Prof. Van Camp
Fundamentals of gene and genome technology
Gene and genome technology
Learning aids:
Several video’s and texts on Gateway cloning and Gibson assembly are available on Blackboard
Aims:
1) Gateway cloning
The student can describe the CcdA/CcdB selection system in cloning with technical details
The student can describe the Gateway cloning system with technical details and required
components
The student can describe the advantages and disadvantages of the Gateway cloning system
The student can list and explain the differences between Gateway cloning and traditional
cloning using restriction enzymes and ligase
The student can design a cloning experiment using the Gateway system (the student knows
which att sites to use in which stage of the cloning experiment)
2) Gibson assembly
The student can describe the Gibson assembly with technical details and required compenents
The student can describe the advantages and disadvantage of Gibson assembly
The student can incorporate Gibson assembly in the theoretical design of cloning
experiments to replace restriction enzyme/ligation steps
, Gateway cloning filmpje
Gateway recombination = a form of site-specific recombination. Very useful if you want to
do different experiments of the same gene in a different vector: switch vectors.
- Homologues recombination: non-specific way to repair any broken DNA-end
- Site-specific recombination: only occurs at very specific DNA sites
Integrase forms a complex with 2 target sites. 4 protein molecules involved and the DNA strands are bend
towards each other to allow for easy exchange. The integrase cut & re-ligate DNA while in this formation.
Restriction enzymes vs. Gateway
RE are used in PCR to create linear DNA pieces of the gene of interest and the vector. The two linear pieces
are then rejoined by ligase to reseal the DNA strands into a circular molecule.
In contrast, Gateway recombination starts and ends with 2 circular DNA molecules. The DNA backbones are
cut & religated by the same enzyme (integrase), while in complex with the DNA. Never linear intermediates
Target sequences for Gateway recombination:
- All share a common central region (black)

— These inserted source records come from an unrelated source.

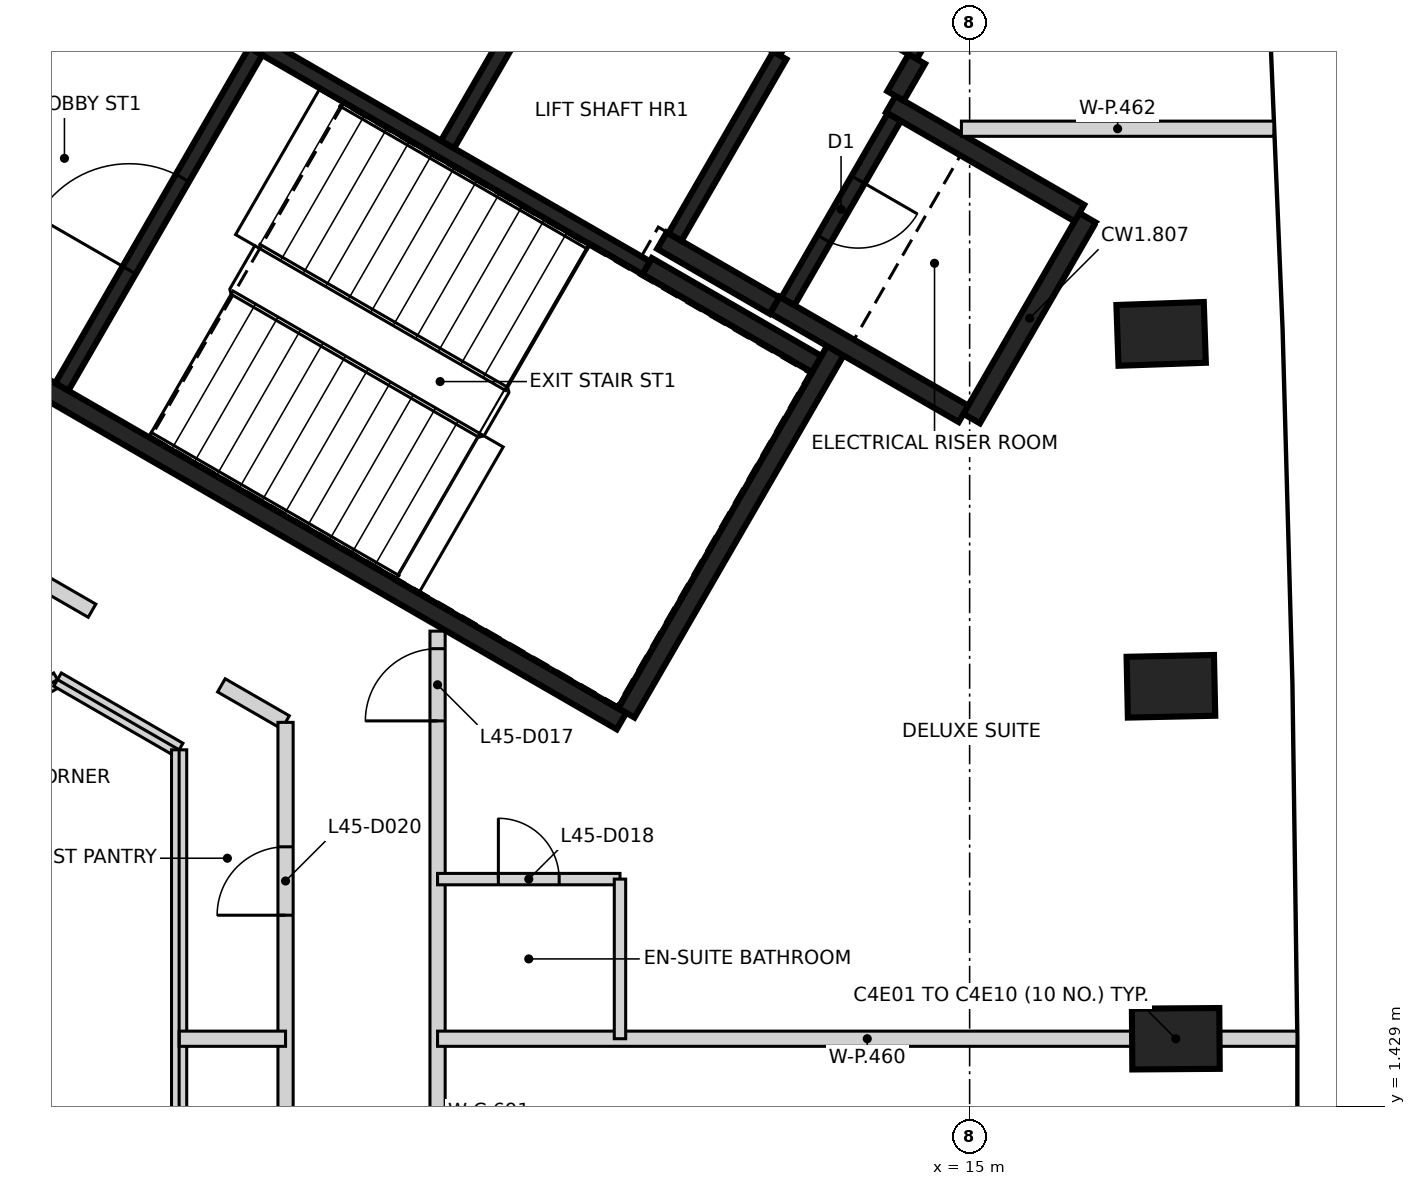
"""IFC4 building model, lengths in metres.
Left out: names, types, materials, properties, quantities, classifications, styles, units other than length and angle.
Written with IfcOpenShell. Run it as: python <this file> out.ifc"""

import sys

from ifc_helpers import new_model, si_unit, direction, frame, frame_2d, origin, origin_2d, place, context, subcontext, project, spatial, rectangle, extrude, element, fill, save


model = new_model("IFC4")
c1 = context("Model", 3, precision=1e-05, world=origin(), true_north=direction((0.0, 1.0)))
c2 = subcontext(c1, "Body", "Model", "MODEL_VIEW")
j1 = project(units=[si_unit("LENGTHUNIT", "METRE"), si_unit("PLANEANGLEUNIT", "RADIAN")], contexts=[c1])
p1 = place(None, origin())
s1 = spatial("IfcSite", under=j1, at=p1, CompositionType="ELEMENT")
p2 = place(p1, origin())
s2 = spatial("IfcBuilding", under=s1, at=p2, CompositionType="ELEMENT")
p3 = place(p2, frame((0.0, 0.0, 182.8)))
s3 = spatial("IfcBuildingStorey", under=s2, at=p3, CompositionType="ELEMENT", Elevation=182.8)
for number, where, z_axis, x_axis in (
    (1, (17.712, 2.319, -0.35), (0.0, 0.0, 1.0), (1.0, 0.007, 0.0)),
    (2, (17.648, 6.956, -0.35), (0.0, 0.0, 1.0), (1.0, 0.021, 0.0)),
    (3, (17.519, 11.592, -0.35), (0.0, 0.0, 1.0), (0.999, 0.034, 0.0)),
):
    element("IfcColumn", number, at=place(p3, frame(where, z_axis=z_axis, x_axis=x_axis)), inside=s3, PredefinedType="COLUMN", context=c2, shape_type="SweptSolid", body=[
        extrude(rectangle(XDim=1.15, YDim=0.8, at=origin_2d()), origin(), (0.0, 0.0, 1.0), 3.6),
    ])
p4 = place(p3, frame((10.42, 6.498, 0.0), z_axis=(0.0, 0.0, 1.0), x_axis=(-0.866021906294, 0.500006057782, 0.0)))
e4 = element("IfcWall", 4, at=p4, inside=s3, PredefinedType="SHEAR", context=c2, shape_type="SweptSolid", body=[
    extrude(rectangle(XDim=11.55, YDim=0.25, at=frame_2d((5.775, 0.0))), origin(), (0.0, 0.0, 1.0), 3.25),
])
p5 = place(p4, frame((10.025, 0.0, 0.0)))
e5 = element("IfcOpeningElement", 5, at=p5, cuts=e4, PredefinedType="OPENING", context=c2, shape_type="SweptSolid", body=[
    extrude(rectangle(XDim=1.2, YDim=2.1, at=frame_2d((0.6, 1.05))), frame((0.0, 0.135, 0.0), z_axis=(0.0, -1.0, 0.0), x_axis=(1.0, 0.0, 0.0)), (0.0, 0.0, 1.0), 0.27),
])
p6 = place(p4, frame((8.725, 0.0, 0.0)))
e6 = element("IfcOpeningElement", 6, at=p6, cuts=e4, PredefinedType="OPENING", context=c2, shape_type="SweptSolid", body=[
    extrude(rectangle(XDim=1.2, YDim=2.1, at=frame_2d((0.6, 1.05))), frame((0.0, 0.135, 0.0), z_axis=(0.0, -1.0, 0.0), x_axis=(1.0, 0.0, 0.0)), (0.0, 0.0, 1.0), 0.27),
])
p7 = place(p3, frame((0.48, 12.381, 0.0), z_axis=(0.0, 0.0, 1.0), x_axis=(0.49999885962, 0.866026062182, 0.0)))
e7 = element("IfcWall", 7, at=p7, inside=s3, PredefinedType="SHEAR", context=c2, shape_type="SweptSolid", body=[
    extrude(rectangle(XDim=5.225, YDim=0.25, at=frame_2d((2.612, 0.0))), origin(), (0.0, 0.0, 1.0), 3.25),
])
p8 = place(p3, frame((13.238, 11.378, 0.0), z_axis=(0.0, 0.0, 1.0), x_axis=(-0.500008851346, -0.866020293397, 0.0)))
e8 = element("IfcWall", 8, at=p8, inside=s3, PredefinedType="SHEAR", context=c2, shape_type="SweptSolid", body=[
    extrude(rectangle(XDim=5.51, YDim=0.25, at=frame_2d((2.755, 0.0))), origin(), (0.0, 0.0, 1.0), 3.25),
])
p9 = place(p3, frame((16.552, 13.119, 0.0), z_axis=(0.0, 0.0, 1.0), x_axis=(-0.499978833458, -0.866037623948, 0.0)))
e9 = element("IfcWall", 9, at=p9, inside=s3, PredefinedType="SHEAR", context=c2, shape_type="SweptSolid", body=[
    extrude(rectangle(XDim=3.05, YDim=0.25, at=frame_2d((1.525, 0.0))), origin(), (0.0, 0.0, 1.0), 3.25),
])
p10 = place(p3, frame((14.918, 10.54, 0.0), z_axis=(0.0, 0.0, 1.0), x_axis=(-0.866063538972, 0.499933942099, 0.0)))
e10 = element("IfcWall", 10, at=p10, inside=s3, PredefinedType="SHEAR", context=c2, shape_type="SweptSolid", body=[
    extrude(rectangle(XDim=2.865, YDim=0.25, at=frame_2d((1.432, 0.0))), origin(), (0.0, 0.0, 1.0), 3.25),
])
p11 = place(p3, frame((13.963, 14.614, 0.0), z_axis=(0.0, 0.0, 1.0), x_axis=(0.866042235819, -0.499970844928, 0.0)))
e11 = element("IfcWall", 11, at=p11, inside=s3, PredefinedType="SHEAR", context=c2, shape_type="SweptSolid", body=[
    extrude(rectangle(XDim=2.865, YDim=0.25, at=frame_2d((1.432, 0.0))), origin(), (0.0, 0.0, 1.0), 3.25),
])
p12 = place(p3, frame((10.757, 12.481, 0.0), z_axis=(0.0, 0.0, 1.0), x_axis=(0.866022940537, -0.500004266446, 0.0)))
e12 = element("IfcWall", 12, at=p12, inside=s3, PredefinedType="SHEAR", context=c2, shape_type="SweptSolid", body=[
    extrude(rectangle(XDim=2.575, YDim=0.25, at=frame_2d((1.287, 0.0))), origin(), (0.0, 0.0, 1.0), 3.25),
])
p13 = place(p3, frame((12.433, 11.964, 0.0), z_axis=(0.0, 0.0, 1.0), x_axis=(-0.866038183914, 0.499977863513, 0.0)))
e13 = element("IfcWall", 13, at=p13, inside=s3, PredefinedType="SHEAR", context=c2, shape_type="SweptSolid", body=[
    extrude(rectangle(XDim=1.71, YDim=0.25, at=frame_2d((0.855, 0.0))), origin(), (0.0, 0.0, 1.0), 3.25),
])
p14 = place(p3, frame((12.995, 16.108, 0.0), z_axis=(0.0, 0.0, 1.0), x_axis=(0.866044474677, -0.49996696679, 0.0)))
e14 = element("IfcWall", 14, at=p14, inside=s3, PredefinedType="SHEAR", context=c2, shape_type="SweptSolid", body=[
    extrude(rectangle(XDim=1.584, YDim=0.25, at=frame_2d((0.792, 0.0))), origin(), (0.0, 0.0, 1.0), 3.25),
])
p15 = place(p3, frame((14.305, 15.207, 0.0), z_axis=(0.0, 0.0, 1.0), x_axis=(-0.499848422343, -0.866112899501, 0.0)))
e15 = element("IfcWall", 15, at=p15, inside=s3, PredefinedType="SHEAR", context=c2, shape_type="SweptSolid", body=[
    extrude(rectangle(XDim=0.559, YDim=0.25, at=frame_2d((0.28, 0.0))), origin(), (0.0, 0.0, 1.0), 3.25),
])
p16 = place(p3, frame((12.552, 15.342, 0.0), z_axis=(0.0, 0.0, 1.0), x_axis=(-0.866030299012, 0.499991521122, 0.0)))
e16 = element("IfcWall", 16, at=p16, inside=s3, PredefinedType="SHEAR", context=c2, shape_type="SweptSolid", body=[
    extrude(rectangle(XDim=6.1, YDim=0.2, at=frame_2d((3.05, 0.0))), origin(), (0.0, 0.0, 1.0), 3.25),
])
p17 = place(p16, frame((1.0, 0.0, 0.0)))
e17 = element("IfcOpeningElement", 17, at=p17, cuts=e16, PredefinedType="OPENING", context=c2, shape_type="SweptSolid", body=[
    extrude(rectangle(XDim=1.2, YDim=2.1, at=frame_2d((0.6, 1.05))), frame((0.0, 0.11, 0.0), z_axis=(0.0, -1.0, 0.0), x_axis=(1.0, 0.0, 0.0)), (0.0, 0.0, 1.0), 0.22),
])
p18 = place(p16, frame((3.982, 0.0, 0.0)))
e18 = element("IfcOpeningElement", 18, at=p18, cuts=e16, PredefinedType="OPENING", context=c2, shape_type="SweptSolid", body=[
    extrude(rectangle(XDim=1.2, YDim=2.1, at=frame_2d((0.6, 1.05))), frame((0.0, 0.11, 0.0), z_axis=(0.0, -1.0, 0.0), x_axis=(1.0, 0.0, 0.0)), (0.0, 0.0, 1.0), 0.22),
])
p19 = place(p3, frame((10.743, 12.46, 0.0), z_axis=(0.0, 0.0, 1.0), x_axis=(-0.866018848283, 0.500011354289, 0.0)))
e19 = element("IfcWall", 19, at=p19, inside=s3, PredefinedType="SHEAR", context=c2, shape_type="SweptSolid", body=[
    extrude(rectangle(XDim=5.974, YDim=0.2, at=frame_2d((2.987, 0.0))), origin(), (0.0, 0.0, 1.0), 3.25),
])
p20 = place(p3, frame((3.057, 10.895, 0.0), z_axis=(0.0, 0.0, 1.0), x_axis=(0.500027839223, 0.866009330205, 0.0)))
e20 = element("IfcWall", 20, at=p20, inside=s3, PredefinedType="SHEAR", context=c2, shape_type="SweptSolid", body=[
    extrude(rectangle(XDim=5.098, YDim=0.2, at=frame_2d((2.549, 0.0))), origin(), (0.0, 0.0, 1.0), 3.25),
])
p21 = place(p20, frame((1.774, 0.0, 0.0)))
e21 = element("IfcOpeningElement", 21, at=p21, cuts=e20, PredefinedType="OPENING", context=c2, shape_type="SweptSolid", body=[
    extrude(rectangle(XDim=1.4, YDim=2.1, at=frame_2d((0.7, 1.05))), frame((0.0, 0.11, 0.0), z_axis=(0.0, -1.0, 0.0), x_axis=(1.0, 0.0, 0.0)), (0.0, 0.0, 1.0), 0.22),
])
p22 = place(p3, frame((8.132, 14.084, 0.0), z_axis=(0.0, 0.0, 1.0), x_axis=(0.500030834389, 0.86600760081, 0.0)))
e22 = element("IfcWall", 22, at=p22, inside=s3, PredefinedType="SHEAR", context=c2, shape_type="SweptSolid", body=[
    extrude(rectangle(XDim=3.198, YDim=0.2, at=frame_2d((1.599, 0.0))), origin(), (0.0, 0.0, 1.0), 3.25),
])
p23 = place(p3, frame((14.008, 14.442, 0.0), z_axis=(0.0, 0.0, 1.0), x_axis=(-0.499986818241, -0.866033014143, 0.0)))
e23 = element("IfcWall", 23, at=p23, inside=s3, PredefinedType="SHEAR", context=c2, shape_type="SweptSolid", body=[
    extrude(rectangle(XDim=2.798, YDim=0.2, at=frame_2d((1.399, 0.0))), origin(), (0.0, 0.0, 1.0), 3.25),
])
p24 = place(p23, frame((0.949, 0.0, 0.0)))
e24 = element("IfcOpeningElement", 24, at=p24, cuts=e23, PredefinedType="OPENING", context=c2, shape_type="SweptSolid", body=[
    extrude(rectangle(XDim=0.9, YDim=2.1, at=frame_2d((0.45, 1.05))), frame((0.0, 0.11, 0.0), z_axis=(0.0, -1.0, 0.0), x_axis=(1.0, 0.0, 0.0)), (0.0, 0.0, 1.0), 0.22),
])
p25 = place(p3, frame((12.502, 15.255, 0.0), z_axis=(0.0, 0.0, 1.0), x_axis=(-0.499965018551, -0.866045599391, 0.0)))
e25 = element("IfcWall", 25, at=p25, inside=s3, PredefinedType="SHEAR", context=c2, shape_type="SweptSolid", body=[
    extrude(rectangle(XDim=2.759, YDim=0.2, at=frame_2d((1.379, 0.0))), origin(), (0.0, 0.0, 1.0), 3.25),
])
p26 = place(p3, frame((-1.084, 12.65, 0.0), z_axis=(0.0, 0.0, 1.0), x_axis=(0.492271892014, 0.870441488173, 0.0)))
e26 = element("IfcWall", 26, at=p26, inside=s3, PredefinedType="PARTITIONING", context=c2, shape_type="SweptSolid", body=[
    extrude(rectangle(XDim=10.531, YDim=0.2, at=frame_2d((5.266, 0.0))), origin(), (0.0, 0.0, 1.0), 3.25),
])
p27 = place(p26, frame((4.161, 0.0, 0.0)))
e27 = element("IfcOpeningElement", 27, at=p27, cuts=e26, PredefinedType="OPENING", context=c2, shape_type="SweptSolid", body=[
    extrude(rectangle(XDim=0.95, YDim=2.1, at=frame_2d((0.475, 1.05))), frame((0.0, 0.11, 0.0), z_axis=(0.0, -1.0, 0.0), x_axis=(1.0, 0.0, 0.0)), (0.0, 0.0, 1.0), 0.22),
])
p28 = place(p3, frame((2.612, 8.436, 0.0), z_axis=(0.0, 0.0, 1.0), x_axis=(0.866055964107, -0.499947064232, 0.0)))
e28 = element("IfcWall", 28, at=p28, inside=s3, PredefinedType="PARTITIONING", context=c2, shape_type="SweptSolid", body=[
    extrude(rectangle(XDim=0.972, YDim=0.2, at=frame_2d((0.486, 0.0))), origin(), (0.0, 0.0, 1.0), 3.25),
])
p29 = place(p3, frame((5.156, 6.968, 0.0), z_axis=(0.0, 0.0, 1.0), x_axis=(0.866123013327, -0.49983089719, 0.0)))
e29 = element("IfcWall", 29, at=p29, inside=s3, PredefinedType="PARTITIONING", context=c2, shape_type="SweptSolid", body=[
    extrude(rectangle(XDim=0.974, YDim=0.2, at=frame_2d((0.487, 0.0))), origin(), (0.0, 0.0, 1.0), 3.25),
])
p30 = place(p3, frame((6.0, -6.481, 0.0), z_axis=(0.0, 0.0, 1.0), x_axis=(0.0, 1.0, 0.0)))
e30 = element("IfcWall", 30, at=p30, inside=s3, PredefinedType="PARTITIONING", context=c2, shape_type="SweptSolid", body=[
    extrude(rectangle(XDim=12.962, YDim=0.2, at=frame_2d((6.481, 0.0))), origin(), (0.0, 0.0, 1.0), 3.25),
])
p31 = place(p30, frame((3.956, 0.0, 0.0)))
e31 = element("IfcOpeningElement", 31, at=p31, cuts=e30, PredefinedType="OPENING", context=c2, shape_type="SweptSolid", body=[
    extrude(rectangle(XDim=0.9, YDim=2.1, at=frame_2d((0.45, 1.05))), frame((0.0, 0.11, 0.0), z_axis=(0.0, -1.0, 0.0), x_axis=(1.0, 0.0, 0.0)), (0.0, 0.0, 1.0), 0.22),
])
p32 = place(p30, frame((10.425, 0.0, 0.0)))
e32 = element("IfcOpeningElement", 32, at=p32, cuts=e30, PredefinedType="OPENING", context=c2, shape_type="SweptSolid", body=[
    extrude(rectangle(XDim=0.9, YDim=2.1, at=frame_2d((0.45, 1.05))), frame((0.0, 0.11, 0.0), z_axis=(0.0, -1.0, 0.0), x_axis=(1.0, 0.0, 0.0)), (0.0, 0.0, 1.0), 0.22),
])
p33 = place(p3, frame((8.0, -4.966, 0.0), z_axis=(0.0, 0.0, 1.0), x_axis=(0.0, 1.0, 0.0)))
e33 = element("IfcWall", 33, at=p33, inside=s3, PredefinedType="PARTITIONING", context=c2, shape_type="SweptSolid", body=[
    extrude(rectangle(XDim=12.647, YDim=0.2, at=frame_2d((6.324, 0.0))), origin(), (0.0, 0.0, 1.0), 3.25),
])
p34 = place(p33, frame((4.438, 0.0, 0.0)))
e34 = element("IfcOpeningElement", 34, at=p34, cuts=e33, PredefinedType="OPENING", context=c2, shape_type="SweptSolid", body=[
    extrude(rectangle(XDim=0.95, YDim=2.1, at=frame_2d((0.475, 1.05))), frame((0.0, 0.11, 0.0), z_axis=(0.0, -1.0, 0.0), x_axis=(1.0, 0.0, 0.0)), (0.0, 0.0, 1.0), 0.22),
])
p35 = place(p33, frame((11.466, 0.0, 0.0)))
e35 = element("IfcOpeningElement", 35, at=p35, cuts=e33, PredefinedType="OPENING", context=c2, shape_type="SweptSolid", body=[
    extrude(rectangle(XDim=0.95, YDim=2.1, at=frame_2d((0.475, 1.05))), frame((0.0, 0.11, 0.0), z_axis=(0.0, -1.0, 0.0), x_axis=(1.0, 0.0, 0.0)), (0.0, 0.0, 1.0), 0.22),
])
p36 = place(p3, frame((-7.6, 0.924, 0.0), z_axis=(0.0, 0.0, 1.0), x_axis=(0.866028806638, 0.499994106039, 0.0)))
e36 = element("IfcWall", 36, at=p36, inside=s3, PredefinedType="PARTITIONING", context=c2, shape_type="SweptSolid", body=[
    extrude(rectangle(XDim=12.24, YDim=0.2, at=frame_2d((6.12, 0.0))), origin(), (0.0, 0.0, 1.0), 3.25),
])
p37 = place(p3, frame((3.0, 7.044, 0.0), z_axis=(0.0, 0.0, 1.0), x_axis=(0.865875248522, -0.500259986404, 0.0)))
e37 = element("IfcWall", 37, at=p37, inside=s3, PredefinedType="PARTITIONING", context=c2, shape_type="SweptSolid", body=[
    extrude(rectangle(XDim=1.848, YDim=0.2, at=frame_2d((0.924, 0.0))), origin(), (0.0, 0.0, 1.0), 3.25),
])
p38 = place(p3, frame((4.6, -6.12, 0.0), z_axis=(0.0, 0.0, 1.0), x_axis=(0.0, 1.0, 0.0)))
e38 = element("IfcWall", 38, at=p38, inside=s3, PredefinedType="PARTITIONING", context=c2, shape_type="SweptSolid", body=[
    extrude(rectangle(XDim=12.24, YDim=0.2, at=frame_2d((6.12, 0.0))), origin(), (0.0, 0.0, 1.0), 3.25),
])
p39 = place(p3, frame((4.6, 2.319, 0.0), z_axis=(0.0, 0.0, 1.0), x_axis=(1.0, 0.0, 0.0)))
e39 = element("IfcWall", 39, at=p39, inside=s3, PredefinedType="PARTITIONING", context=c2, shape_type="SweptSolid", body=[
    extrude(rectangle(XDim=1.4, YDim=0.2, at=frame_2d((0.7, 0.0))), origin(), (0.0, 0.0, 1.0), 3.25),
])
p40 = place(p3, frame((8.0, 2.319, 0.0), z_axis=(0.0, 0.0, 1.0), x_axis=(1.0, 0.0, 0.0)))
e40 = element("IfcWall", 40, at=p40, inside=s3, PredefinedType="PARTITIONING", context=c2, shape_type="SweptSolid", body=[
    extrude(rectangle(XDim=11.306, YDim=0.2, at=frame_2d((5.653, 0.0))), origin(), (0.0, 0.0, 1.0), 3.25),
])
p41 = place(p3, frame((14.892, 14.291, 0.0), z_axis=(0.0, 0.0, 1.0), x_axis=(1.0, 0.0, 0.0)))
e41 = element("IfcWall", 41, at=p41, inside=s3, PredefinedType="PARTITIONING", context=c2, shape_type="SweptSolid", body=[
    extrude(rectangle(XDim=4.111, YDim=0.2, at=frame_2d((2.055, 0.0))), origin(), (0.0, 0.0, 1.0), 2.35),
])
p42 = place(p3, frame((8.0, 4.419, 0.0), z_axis=(0.0, 0.0, 1.0), x_axis=(1.0, 0.0, 0.0)))
e42 = element("IfcWall", 42, at=p42, inside=s3, PredefinedType="PARTITIONING", context=c2, shape_type="SweptSolid", body=[
    extrude(rectangle(XDim=2.4, YDim=0.15, at=frame_2d((1.2, 0.0))), origin(), (0.0, 0.0, 1.0), 3.25),
])
p43 = place(p42, frame((0.8, 0.0, 0.0)))
e43 = element("IfcOpeningElement", 43, at=p43, cuts=e42, PredefinedType="OPENING", context=c2, shape_type="SweptSolid", body=[
    extrude(rectangle(XDim=0.8, YDim=2.1, at=frame_2d((0.4, 1.05))), frame((0.0, 0.085, 0.0), z_axis=(0.0, -1.0, 0.0), x_axis=(1.0, 0.0, 0.0)), (0.0, 0.0, 1.0), 0.17),
])
p44 = place(p3, frame((10.4, 2.319, 0.0), z_axis=(0.0, 0.0, 1.0), x_axis=(0.0, 1.0, 0.0)))
e44 = element("IfcWall", 44, at=p44, inside=s3, PredefinedType="PARTITIONING", context=c2, shape_type="SweptSolid", body=[
    extrude(rectangle(XDim=2.1, YDim=0.15, at=frame_2d((1.05, 0.0))), origin(), (0.0, 0.0, 1.0), 3.25),
])
p45 = place(p21, origin())
e45 = element("IfcDoor", 45, at=p45, inside=s3, OperationType="SINGLE_SWING_RIGHT", PredefinedType="DOOR", context=c2, shape_type="SweptSolid", body=[
    extrude(rectangle(XDim=1.4, YDim=2.1, at=frame_2d((0.7, 1.05))), frame((0.0, 0.025, 0.0), z_axis=(0.0, -1.0, 0.0), x_axis=(1.0, 0.0, 0.0)), (0.0, 0.0, 1.0), 0.05),
])
fill(e21, e45)
p46 = place(p24, origin())
e46 = element("IfcDoor", 46, at=p46, inside=s3, OperationType="SINGLE_SWING_LEFT", PredefinedType="DOOR", context=c2, shape_type="SweptSolid", body=[
    extrude(rectangle(XDim=0.9, YDim=2.1, at=frame_2d((0.45, 1.05))), frame((0.0, 0.025, 0.0), z_axis=(0.0, -1.0, 0.0), x_axis=(1.0, 0.0, 0.0)), (0.0, 0.0, 1.0), 0.05),
])
fill(e24, e46)
p47 = place(p35, frame((0.95, 0.0, 0.0), z_axis=(0.0, 0.0, 1.0), x_axis=(-1.0, 0.0, 0.0)))
e47 = element("IfcDoor", 47, at=p47, inside=s3, OperationType="SINGLE_SWING_LEFT", PredefinedType="DOOR", context=c2, shape_type="SweptSolid", body=[
    extrude(rectangle(XDim=0.95, YDim=2.1, at=frame_2d((0.475, 1.05))), frame((0.0, 0.025, 0.0), z_axis=(0.0, -1.0, 0.0), x_axis=(1.0, 0.0, 0.0)), (0.0, 0.0, 1.0), 0.05),
])
fill(e35, e47)
p48 = place(p43, origin())
e48 = element("IfcDoor", 48, at=p48, inside=s3, OperationType="SINGLE_SWING_LEFT", PredefinedType="DOOR", context=c2, shape_type="SweptSolid", body=[
    extrude(rectangle(XDim=0.8, YDim=2.1, at=frame_2d((0.4, 1.05))), frame((0.0, 0.025, 0.0), z_axis=(0.0, -1.0, 0.0), x_axis=(1.0, 0.0, 0.0)), (0.0, 0.0, 1.0), 0.05),
])
fill(e43, e48)
p49 = place(p32, origin())
e49 = element("IfcDoor", 49, at=p49, inside=s3, OperationType="SINGLE_SWING_LEFT", PredefinedType="DOOR", context=c2, shape_type="SweptSolid", body=[
    extrude(rectangle(XDim=0.9, YDim=2.1, at=frame_2d((0.45, 1.05))), frame((0.0, 0.025, 0.0), z_axis=(0.0, -1.0, 0.0), x_axis=(1.0, 0.0, 0.0)), (0.0, 0.0, 1.0), 0.05),
])
fill(e32, e49)
save(model, sys.argv[1])

- Unlike RE sites, these are not palindromic: provides directionality
- They always ppair together: B&P and L&R
o Reversal reaction can occur but every enzyme only goes in 1
direction
- LR clonase: goes from L & R sites to add B & P
o To reverse the reaction you need BP clonase
The clonase enzyme cuts the central region asymmetrically, generating transient
sticky ends (similar to RE). After strand swapping, the central regions anneal and
ligate into the new product sites.
Steps of gateway recombination
1st step: rate-limiting step in the recombination: formation of the protein-DNA complex. Each monomer of
enzymes binds to 1 site of 1 recognition site, forming a dimer on each att site. The 3D conformation is
different on the 2 sites pair. The 2 dimers then form a complex together with the 2 DNA strands in close
proximity. The formation of the protein-DNA complex is the 1 st step in the recombinase reaction cycle.
2nd step: serine residue in active site of each monomer attacks the phosphate backbone of the DNA within
the central region, which creates a sticky end of DNA and a covalent bound between the protein and the
DNA backbone. The 3D conformation of the complex changes so the strands swap at the sticky ends
3rd step: the enzyme relegates the backbones together. The DNA is now no longer attached to the enzyme,
is free to leave and repeat the reaction at another site. After strand swapping, there are different strands
attached at each site of the central region then before. This results in different att sites then in step 1.